How we collectively manage these negotiations will be crucial; give-and-take will be needed from all.
As well as the challenges presented, there will be opportunities to take on distressed, challenging projects that are part complete, possibly available through housebuilders or by engaging with private developers looking to sell discounted properties to support liquidity challenges.
Increasing much-needed affordable homes
This could offer a quick and cost-effective route to increasing much-needed affordable homes in some parts of the country.
This is also a perfect time to create the homebuilding marketplace we want rather than enduring age-old frustrations.
Modular housing (key ingredient) is a prime example – the sector knows the benefits and obstacles.
We have the required pipeline to build factory homes en masse and with some financial help from government, together we can make huge inroads into addressing the housing crisis through this approach.
We welcome Homes England’s recent announcement to commission research into MMC as it is something JV North also started in mid-2019 so it will be interesting to compare findings and work together on this.
The pandemic has acutely reminded us of the importance of ‘home’ so when analysing how we can change for the better, serious consideration needs to be given to internal and external space standards and our general approach to quality of place.
It is pleasing to see the recognition given to key workers over recent months, including many working within housing, given the sterling work they carry out helping others.
With agile working expected to be embraced more by us all in the future, thought needs to be given to how we accommodate and support this via the home.
Some new homes fortunate to have a space to create a workstation are often merely an add on and not well thought through.

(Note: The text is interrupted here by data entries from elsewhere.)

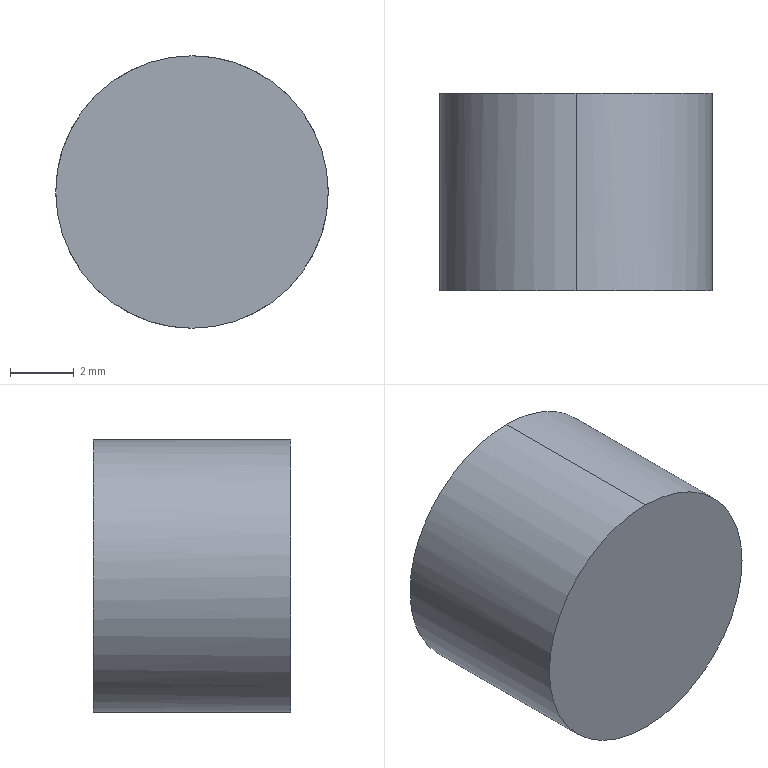Component | SolidWorks | MGPM20-20Z-M9P-1_MGP_Z_PLUG_20_9-1 | 1 solid | 11 faces | box 8.57 x 6.2 x 8.57 mm | volume 322 mm3 | plane 9 | cylinder 2 | commonest cylinder face diameters 8.566 x2
STEP:
#1=COLOUR_RGB('',0.7922,0.8196,0.9333);
#2=FILL_AREA_STYLE_COLOUR('',#1);
#3=FILL_AREA_STYLE('',(#2));
#4=SURFACE_STYLE_FILL_AREA(#3);
#5=SURFACE_SIDE_STYLE('',(#4));
#6=SURFACE_STYLE_USAGE(.BOTH.,#5);
#7=PRESENTATION_STYLE_ASSIGNMENT((#6));
#8=CARTESIAN_POINT('',(3.737,3.748,2.864));
#9=VERTEX_POINT('',#8);
#10=CARTESIAN_POINT('',(3.737,3.748,2.527));
#11=VERTEX_POINT('',#10);
#12=CARTESIAN_POINT('',(3.737,3.748,2.864));
#13=CARTESIAN_POINT('',(3.715,3.748,2.864));
#14=CARTESIAN_POINT('',(3.693,3.748,2.86));
#15=CARTESIAN_POINT('',(3.652,3.748,2.843));
#16=CARTESIAN_POINT('',(3.633,3.748,2.831));
#17=CARTESIAN_POINT('',(3.602,3.748,2.799));
#18=CARTESIAN_POINT('',(3.59,3.748,2.781));
#19=CARTESIAN_POINT('',(3.573,3.748,2.74));
#20=CARTESIAN_POINT('',(3.568,3.748,2.718));
#21=CARTESIAN_POINT('',(3.568,3.748,2.674));
#22=CARTESIAN_POINT('',(3.573,3.748,2.652));
#23=CARTESIAN_POINT('',(3.59,3.748,2.611));
#24=CARTESIAN_POINT('',(3.602,3.748,2.592));
#25=CARTESIAN_POINT('',(3.633,3.748,2.561));
#26=CARTESIAN_POINT('',(3.652,3.748,2.548));
#27=CARTESIAN_POINT('',(3.693,3.748,2.532));
#28=CARTESIAN_POINT('',(3.715,3.748,2.527));
#29=CARTESIAN_POINT('',(3.737,3.748,2.527));
#30=B_SPLINE_CURVE_WITH_KNOTS('',3,(#12,#13,#14,#15,#16,#17,#18,#19,#20,#21,#22,#23,#24,#25,#26,#27,#28,#29),.UNSPECIFIED.,.F.,.F.,(4,2,2,2,2,2,2,2,4),(0.,0.0625,0.125,0.1875,0.25,0.3125,0.375,0.4375,0.5),.UNSPECIFIED.);
#31=EDGE_CURVE('',#9,#11,#30,.T.);
#32=ORIENTED_EDGE('',*,*,#31,.T.);
#33=CARTESIAN_POINT('',(3.737,3.503,2.527));
#34=VERTEX_POINT('',#33);
#35=CARTESIAN_POINT('',(3.737,3.748,2.527));
#36=DIRECTION('',(0.,-1.,0.));
#37=VECTOR('',#36,39.37);
#38=LINE('',#35,#37);
#39=EDGE_CURVE('',#11,#34,#38,.T.);
#40=ORIENTED_EDGE('',*,*,#39,.T.);
#41=CARTESIAN_POINT('',(3.737,3.503,2.864));
#42=VERTEX_POINT('',#41);
#43=CARTESIAN_POINT('',(3.737,3.503,2.696));
#44=DIRECTION('',(0.,-1.,0.));
#45=DIRECTION('',(0.,0.,1.));
#46=AXIS2_PLACEMENT_3D('',#43,#44,#45);
#47=CIRCLE('',#46,0.1686);
#48=EDGE_CURVE('',#42,#34,#47,.T.);
#49=ORIENTED_EDGE('',*,*,#48,.F.);
#50=CARTESIAN_POINT('',(3.737,3.748,2.864));
#51=DIRECTION('',(0.,-1.,0.));
#52=VECTOR('',#51,39.37);
#53=LINE('',#50,#52);
#54=EDGE_CURVE('',#9,#42,#53,.T.);
#55=ORIENTED_EDGE('',*,*,#54,.F.);
#56=EDGE_LOOP('',(#32,#40,#49,#55));
#57=FACE_OUTER_BOUND('',#56,.T.);
#58=CARTESIAN_POINT('',(3.737,3.748,2.696));
#59=DIRECTION('',(0.,-1.,0.));
#60=DIRECTION('',(0.,0.,1.));
#61=AXIS2_PLACEMENT_3D('',#58,#59,#60);
#62=CYLINDRICAL_SURFACE('',#61,0.1686);
#63=ADVANCED_FACE('',(#57),#62,.T.);
#64=ORIENTED_EDGE('',*,*,#31,.F.);
#65=CARTESIAN_POINT('',(3.737,3.748,2.527));
#66=CARTESIAN_POINT('',(3.759,3.748,2.527));
#67=CARTESIAN_POINT('',(3.781,3.748,2.532));
#68=CARTESIAN_POINT('',(3.822,3.748,2.548));
#69=CARTESIAN_POINT('',(3.841,3.748,2.561));
#70=CARTESIAN_POINT('',(3.872,3.748,2.592));
#71=CARTESIAN_POINT('',(3.884,3.748,2.611));
#72=CARTESIAN_POINT('',(3.901,3.748,2.652));
#73=CARTESIAN_POINT('',(3.906,3.748,2.674));
#74=CARTESIAN_POINT('',(3.906,3.748,2.718));
#75=CARTESIAN_POINT('',(3.901,3.748,2.74));
#76=CARTESIAN_POINT('',(3.884,3.748,2.781));
#77=CARTESIAN_POINT('',(3.872,3.748,2.799));
#78=CARTESIAN_POINT('',(3.841,3.748,2.831));
#79=CARTESIAN_POINT('',(3.822,3.748,2.843));
#80=CARTESIAN_POINT('',(3.781,3.748,2.86));
#81=CARTESIAN_POINT('',(3.759,3.748,2.864));
#82=CARTESIAN_POINT('',(3.737,3.748,2.864));
#83=B_SPLINE_CURVE_WITH_KNOTS('',3,(#65,#66,#67,#68,#69,#70,#71,#72,#73,#74,#75,#76,#77,#78,#79,#80,#81,#82),.UNSPECIFIED.,.F.,.F.,(4,2,2,2,2,2,2,2,4),(0.5,0.5625,0.625,0.6875,0.75,0.8125,0.875,0.9375,1.),.UNSPECIFIED.);
#84=EDGE_CURVE('',#11,#9,#83,.T.);
#85=ORIENTED_EDGE('',*,*,#84,.F.);
#86=EDGE_LOOP('',(#64,#85));
#87=FACE_OUTER_BOUND('',#86,.T.);
#88=CARTESIAN_POINT('',(3.686,3.748,2.607));
#89=VERTEX_POINT('',#88);
#90=CARTESIAN_POINT('',(3.788,3.748,2.607));
#91=VERTEX_POINT('',#90);
#92=CARTESIAN_POINT('',(3.686,3.748,2.607));
#93=DIRECTION('',(1.,0.,-0.));
#94=VECTOR('',#93,39.37);
#95=LINE('',#92,#94);
#96=EDGE_CURVE('',#89,#91,#95,.T.);
#97=ORIENTED_EDGE('',*,*,#96,.T.);
#98=CARTESIAN_POINT('',(3.839,3.748,2.696));
#99=VERTEX_POINT('',#98);
#100=CARTESIAN_POINT('',(3.788,3.748,2.607));
#101=DIRECTION('',(0.5,0.,0.866));
#102=VECTOR('',#101,39.37);
#103=LINE('',#100,#102);
#104=EDGE_CURVE('',#91,#99,#103,.T.);
#105=ORIENTED_EDGE('',*,*,#104,.T.);
#106=CARTESIAN_POINT('',(3.788,3.748,2.784));
#107=VERTEX_POINT('',#106);
#108=CARTESIAN_POINT('',(3.839,3.748,2.696));
#109=DIRECTION('',(-0.5,0.,0.866));
#110=VECTOR('',#109,39.37);
#111=LINE('',#108,#110);
#112=EDGE_CURVE('',#99,#107,#111,.T.);
#113=ORIENTED_EDGE('',*,*,#112,.T.);
#114=CARTESIAN_POINT('',(3.686,3.748,2.784));
#115=VERTEX_POINT('',#114);
#116=CARTESIAN_POINT('',(3.788,3.748,2.784));
#117=DIRECTION('',(-1.,-0.,0.));
#118=VECTOR('',#117,39.37);
#119=LINE('',#116,#118);
#120=EDGE_CURVE('',#107,#115,#119,.T.);
#121=ORIENTED_EDGE('',*,*,#120,.T.);
#122=CARTESIAN_POINT('',(3.635,3.748,2.696));
#123=VERTEX_POINT('',#122);
#124=CARTESIAN_POINT('',(3.686,3.748,2.784));
#125=DIRECTION('',(-0.5,-0.,-0.866));
#126=VECTOR('',#125,39.37);
#127=LINE('',#124,#126);
#128=EDGE_CURVE('',#115,#123,#127,.T.);
#129=ORIENTED_EDGE('',*,*,#128,.T.);
#130=CARTESIAN_POINT('',(3.635,3.748,2.696));
#131=DIRECTION('',(0.5,-0.,-0.866));
#132=VECTOR('',#131,39.37);
#133=LINE('',#130,#132);
#134=EDGE_CURVE('',#123,#89,#133,.T.);
#135=ORIENTED_EDGE('',*,*,#134,.T.);
#136=EDGE_LOOP('',(#97,#105,#113,#121,#129,#135));
#137=FACE_BOUND('',#136,.T.);
#138=CARTESIAN_POINT('',(3.737,3.748,2.696));
#139=DIRECTION('',(0.,-1.,0.));
#140=DIRECTION('',(0.,0.,1.));
#141=AXIS2_PLACEMENT_3D('',#138,#139,#140);
#142=PLANE('',#141);
#143=ADVANCED_FACE('',(#87,#137),#142,.F.);
#144=ORIENTED_EDGE('',*,*,#134,.F.);
#145=CARTESIAN_POINT('',(3.635,3.669,2.696));
#146=VERTEX_POINT('',#145);
#147=CARTESIAN_POINT('',(3.635,3.669,2.696));
#148=DIRECTION('',(-0.,1.,-0.));
#149=VECTOR('',#148,39.37);
#150=LINE('',#147,#149);
#151=EDGE_CURVE('',#146,#123,#150,.T.);
#152=ORIENTED_EDGE('',*,*,#151,.F.);
#153=CARTESIAN_POINT('',(3.686,3.669,2.607));
#154=VERTEX_POINT('',#153);
#155=CARTESIAN_POINT('',(3.635,3.669,2.696));
#156=DIRECTION('',(0.5,-0.,-0.866));
#157=VECTOR('',#156,39.37);
#158=LINE('',#155,#157);
#159=EDGE_CURVE('',#146,#154,#158,.T.);
#160=ORIENTED_EDGE('',*,*,#159,.T.);
#161=CARTESIAN_POINT('',(3.686,3.669,2.607));
#162=DIRECTION('',(-0.,1.,-0.));
#163=VECTOR('',#162,39.37);
#164=LINE('',#161,#163);
#165=EDGE_CURVE('',#154,#89,#164,.T.);
#166=ORIENTED_EDGE('',*,*,#165,.T.);
#167=EDGE_LOOP('',(#144,#152,#160,#166));
#168=FACE_OUTER_BOUND('',#167,.T.);
#169=CARTESIAN_POINT('',(3.635,3.669,2.696));
#170=DIRECTION('',(0.866,0.,0.5));
#171=DIRECTION('',(-0.5,0.,0.866));
#172=AXIS2_PLACEMENT_3D('',#169,#170,#171);
#173=PLANE('',#172);
#174=ADVANCED_FACE('',(#168),#173,.T.);
#175=ORIENTED_EDGE('',*,*,#96,.F.);
#176=ORIENTED_EDGE('',*,*,#165,.F.);
#177=CARTESIAN_POINT('',(3.788,3.669,2.607));
#178=VERTEX_POINT('',#177);
#179=CARTESIAN_POINT('',(3.686,3.669,2.607));
#180=DIRECTION('',(1.,0.,-0.));
#181=VECTOR('',#180,39.37);
#182=LINE('',#179,#181);
#183=EDGE_CURVE('',#154,#178,#182,.T.);
#184=ORIENTED_EDGE('',*,*,#183,.T.);
#185=CARTESIAN_POINT('',(3.788,3.669,2.607));
#186=DIRECTION('',(-0.,1.,-0.));
#187=VECTOR('',#186,39.37);
#188=LINE('',#185,#187);
#189=EDGE_CURVE('',#178,#91,#188,.T.);
#190=ORIENTED_EDGE('',*,*,#189,.T.);
#191=EDGE_LOOP('',(#175,#176,#184,#190));
#192=FACE_OUTER_BOUND('',#191,.T.);
#193=CARTESIAN_POINT('',(3.686,3.669,2.607));
#194=DIRECTION('',(0.,0.,1.));
#195=DIRECTION('',(-0.,1.,-0.));
#196=AXIS2_PLACEMENT_3D('',#193,#194,#195);
#197=PLANE('',#196);
#198=ADVANCED_FACE('',(#192),#197,.T.);
#199=ORIENTED_EDGE('',*,*,#104,.F.);
#200=ORIENTED_EDGE('',*,*,#189,.F.);
#201=CARTESIAN_POINT('',(3.839,3.669,2.696));
#202=VERTEX_POINT('',#201);
#203=CARTESIAN_POINT('',(3.788,3.669,2.607));
#204=DIRECTION('',(0.5,0.,0.866));
#205=VECTOR('',#204,39.37);
#206=LINE('',#203,#205);
#207=EDGE_CURVE('',#178,#202,#206,.T.);
#208=ORIENTED_EDGE('',*,*,#207,.T.);
#209=CARTESIAN_POINT('',(3.839,3.669,2.696));
#210=DIRECTION('',(-0.,1.,-0.));
#211=VECTOR('',#210,39.37);
#212=LINE('',#209,#211);
#213=EDGE_CURVE('',#202,#99,#212,.T.);
#214=ORIENTED_EDGE('',*,*,#213,.T.);
#215=EDGE_LOOP('',(#199,#200,#208,#214));
#216=FACE_OUTER_BOUND('',#215,.T.);
#217=CARTESIAN_POINT('',(3.788,3.669,2.607));
#218=DIRECTION('',(-0.866,0.,0.5));
#219=DIRECTION('',(-0.5,-0.,-0.866));
#220=AXIS2_PLACEMENT_3D('',#217,#218,#219);
#221=PLANE('',#220);
#222=ADVANCED_FACE('',(#216),#221,.T.);
#223=ORIENTED_EDGE('',*,*,#112,.F.);
#224=ORIENTED_EDGE('',*,*,#213,.F.);
#225=CARTESIAN_POINT('',(3.788,3.669,2.784));
#226=VERTEX_POINT('',#225);
#227=CARTESIAN_POINT('',(3.839,3.669,2.696));
#228=DIRECTION('',(-0.5,0.,0.866));
#229=VECTOR('',#228,39.37);
#230=LINE('',#227,#229);
#231=EDGE_CURVE('',#202,#226,#230,.T.);
#232=ORIENTED_EDGE('',*,*,#231,.T.);
#233=CARTESIAN_POINT('',(3.788,3.669,2.784));
#234=DIRECTION('',(-0.,1.,-0.));
#235=VECTOR('',#234,39.37);
#236=LINE('',#233,#235);
#237=EDGE_CURVE('',#226,#107,#236,.T.);
#238=ORIENTED_EDGE('',*,*,#237,.T.);
#239=EDGE_LOOP('',(#223,#224,#232,#238));
#240=FACE_OUTER_BOUND('',#239,.T.);
#241=CARTESIAN_POINT('',(3.839,3.669,2.696));
#242=DIRECTION('',(-0.866,-0.,-0.5));
#243=DIRECTION('',(0.5,-0.,-0.866));
#244=AXIS2_PLACEMENT_3D('',#241,#242,#243);
#245=PLANE('',#244);
#246=ADVANCED_FACE('',(#240),#245,.T.);
#247=ORIENTED_EDGE('',*,*,#120,.F.);
#248=ORIENTED_EDGE('',*,*,#237,.F.);
#249=CARTESIAN_POINT('',(3.686,3.669,2.784));
#250=VERTEX_POINT('',#249);
#251=CARTESIAN_POINT('',(3.788,3.669,2.784));
#252=DIRECTION('',(-1.,-0.,0.));
#253=VECTOR('',#252,39.37);
#254=LINE('',#251,#253);
#255=EDGE_CURVE('',#226,#250,#254,.T.);
#256=ORIENTED_EDGE('',*,*,#255,.T.);
#257=CARTESIAN_POINT('',(3.686,3.669,2.784));
#258=DIRECTION('',(-0.,1.,-0.));
#259=VECTOR('',#258,39.37);
#260=LINE('',#257,#259);
#261=EDGE_CURVE('',#250,#115,#260,.T.);
#262=ORIENTED_EDGE('',*,*,#261,.T.);
#263=EDGE_LOOP('',(#247,#248,#256,#262));
#264=FACE_OUTER_BOUND('',#263,.T.);
#265=CARTESIAN_POINT('',(3.788,3.669,2.784));
#266=DIRECTION('',(-0.,-0.,-1.));
#267=DIRECTION('',(0.,-1.,0.));
#268=AXIS2_PLACEMENT_3D('',#265,#266,#267);
#269=PLANE('',#268);
#270=ADVANCED_FACE('',(#264),#269,.T.);
#271=ORIENTED_EDGE('',*,*,#128,.F.);
#272=ORIENTED_EDGE('',*,*,#261,.F.);
#273=CARTESIAN_POINT('',(3.686,3.669,2.784));
#274=DIRECTION('',(-0.5,-0.,-0.866));
#275=VECTOR('',#274,39.37);
#276=LINE('',#273,#275);
#277=EDGE_CURVE('',#250,#146,#276,.T.);
#278=ORIENTED_EDGE('',*,*,#277,.T.);
#279=ORIENTED_EDGE('',*,*,#151,.T.);
#280=EDGE_LOOP('',(#271,#272,#278,#279));
#281=FACE_OUTER_BOUND('',#280,.T.);
#282=CARTESIAN_POINT('',(3.686,3.669,2.784));
#283=DIRECTION('',(0.866,-0.,-0.5));
#284=DIRECTION('',(0.5,0.,0.866));
#285=AXIS2_PLACEMENT_3D('',#282,#283,#284);
#286=PLANE('',#285);
#287=ADVANCED_FACE('',(#281),#286,.T.);
#288=ORIENTED_EDGE('',*,*,#183,.F.);
#289=ORIENTED_EDGE('',*,*,#159,.F.);
#290=ORIENTED_EDGE('',*,*,#277,.F.);
#291=ORIENTED_EDGE('',*,*,#255,.F.);
#292=ORIENTED_EDGE('',*,*,#231,.F.);
#293=ORIENTED_EDGE('',*,*,#207,.F.);
#294=EDGE_LOOP('',(#288,#289,#290,#291,#292,#293));
#295=FACE_OUTER_BOUND('',#294,.T.);
#296=CARTESIAN_POINT('',(3.737,3.669,2.696));
#297=DIRECTION('',(0.,-1.,0.));
#298=DIRECTION('',(0.,0.,1.));
#299=AXIS2_PLACEMENT_3D('',#296,#297,#298);
#300=PLANE('',#299);
#301=ADVANCED_FACE('',(#295),#300,.F.);
#302=ORIENTED_EDGE('',*,*,#39,.F.);
#303=ORIENTED_EDGE('',*,*,#84,.T.);
#304=ORIENTED_EDGE('',*,*,#54,.T.);
#305=CARTESIAN_POINT('',(3.737,3.503,2.696));
#306=DIRECTION('',(0.,-1.,0.));
#307=DIRECTION('',(0.,0.,1.));
#308=AXIS2_PLACEMENT_3D('',#305,#306,#307);
#309=CIRCLE('',#308,0.1686);
#310=EDGE_CURVE('',#34,#42,#309,.T.);
#311=ORIENTED_EDGE('',*,*,#310,.F.);
#312=EDGE_LOOP('',(#302,#303,#304,#311));
#313=FACE_OUTER_BOUND('',#312,.T.);
#314=CARTESIAN_POINT('',(3.737,3.748,2.696));
#315=DIRECTION('',(0.,-1.,0.));
#316=DIRECTION('',(0.,0.,1.));
#317=AXIS2_PLACEMENT_3D('',#314,#315,#316);
#318=CYLINDRICAL_SURFACE('',#317,0.1686);
#319=ADVANCED_FACE('',(#313),#318,.T.);
#320=ORIENTED_EDGE('',*,*,#48,.T.);
#321=ORIENTED_EDGE('',*,*,#310,.T.);
#322=EDGE_LOOP('',(#320,#321));
#323=FACE_OUTER_BOUND('',#322,.T.);
#324=CARTESIAN_POINT('',(3.568,3.503,2.696));
#325=DIRECTION('',(-0.,1.,-0.));
#326=DIRECTION('',(-0.,-0.,-1.));
#327=AXIS2_PLACEMENT_3D('',#324,#325,#326);
#328=PLANE('',#327);
#329=ADVANCED_FACE('',(#323),#328,.F.);
#330=CLOSED_SHELL('',(#63,#143,#174,#198,#222,#246,#270,#287,#301,#319,#329));
#331=MANIFOLD_SOLID_BREP('',#330);
#332=STYLED_ITEM('',(#7),#331);
#333=PRESENTATION_LAYER_ASSIGNMENT('','',(#332));
#334=CARTESIAN_POINT('',(0.,0.,0.));
#335=DIRECTION('',(0.,0.,1.));
#336=DIRECTION('',(1.,0.,0.));
#337=AXIS2_PLACEMENT_3D('',#334,#335,#336);
#338=(LENGTH_UNIT()NAMED_UNIT(*)SI_UNIT($,.METRE.));
#339=LENGTH_MEASURE_WITH_UNIT(LENGTH_MEASURE(0.0254),#338);
#340=DIMENSIONAL_EXPONENTS(1.,0.,0.,0.,0.,0.,0.);
#341=(CONVERSION_BASED_UNIT('',#339)LENGTH_UNIT()NAMED_UNIT(#340));
#342=UNCERTAINTY_MEASURE_WITH_UNIT(LENGTH_MEASURE(0.00001),#341,'','');
#343=(NAMED_UNIT(*)PLANE_ANGLE_UNIT()SI_UNIT($,.RADIAN.));
#344=(NAMED_UNIT(*)SI_UNIT($,.STERADIAN.)SOLID_ANGLE_UNIT());
#345=(GEOMETRIC_REPRESENTATION_CONTEXT(3)GLOBAL_UNCERTAINTY_ASSIGNED_CONTEXT((#342))GLOBAL_UNIT_ASSIGNED_CONTEXT((#341,#343,#344))REPRESENTATION_CONTEXT('',''));
#346=ADVANCED_BREP_SHAPE_REPRESENTATION('',(#331,#337),#345);
#347=(LENGTH_UNIT()NAMED_UNIT(*)SI_UNIT($,.METRE.));
#348=LENGTH_MEASURE_WITH_UNIT(LENGTH_MEASURE(0.0254),#347);
#349=DIMENSIONAL_EXPONENTS(1.,0.,0.,0.,0.,0.,0.);
#350=(CONVERSION_BASED_UNIT('',#348)LENGTH_UNIT()NAMED_UNIT(#349));
#351=UNCERTAINTY_MEASURE_WITH_UNIT(LENGTH_MEASURE(0.00001),#350,'','');
#352=(NAMED_UNIT(*)PLANE_ANGLE_UNIT()SI_UNIT($,.RADIAN.));
#353=(NAMED_UNIT(*)SI_UNIT($,.STERADIAN.)SOLID_ANGLE_UNIT());
#354=(GEOMETRIC_REPRESENTATION_CONTEXT(3)GLOBAL_UNCERTAINTY_ASSIGNED_CONTEXT((#351))GLOBAL_UNIT_ASSIGNED_CONTEXT((#350,#352,#353))REPRESENTATION_CONTEXT('',''));
#355=MECHANICAL_DESIGN_GEOMETRIC_PRESENTATION_REPRESENTATION('',(#332),#354);

So greater attention will be needed in terms of how we allocate internal space and specify specialist building services such as power, data, orientation and lighting.
Those who embrace such ideas will be those with an eye to the future and looking to steal a competitive sales advantage in the shared ownership or outright sales markets.
JV North members have been working together
JV North members have been working together to navigate the risks and capitalise on the opportunities created by the coronavirus.
When lockdown was announced, twice weekly video conferences were held with JV North’s Development Group to provide extra support and guidance with weekly sessions continuing to take place.
Subjects discussed include health and safety, homebuilding construction contracts, tenures, risk management systems, identifying opportunities and sharing intelligence and data.
We expect this way of working to carrying on post-lockdown.
The consortium’s work with another key partner, Homes England, to finalise our recovery plan is also going to be crucial.
For significant change to happen, everyone involved will need to think differently and give-and-take a little for the common good.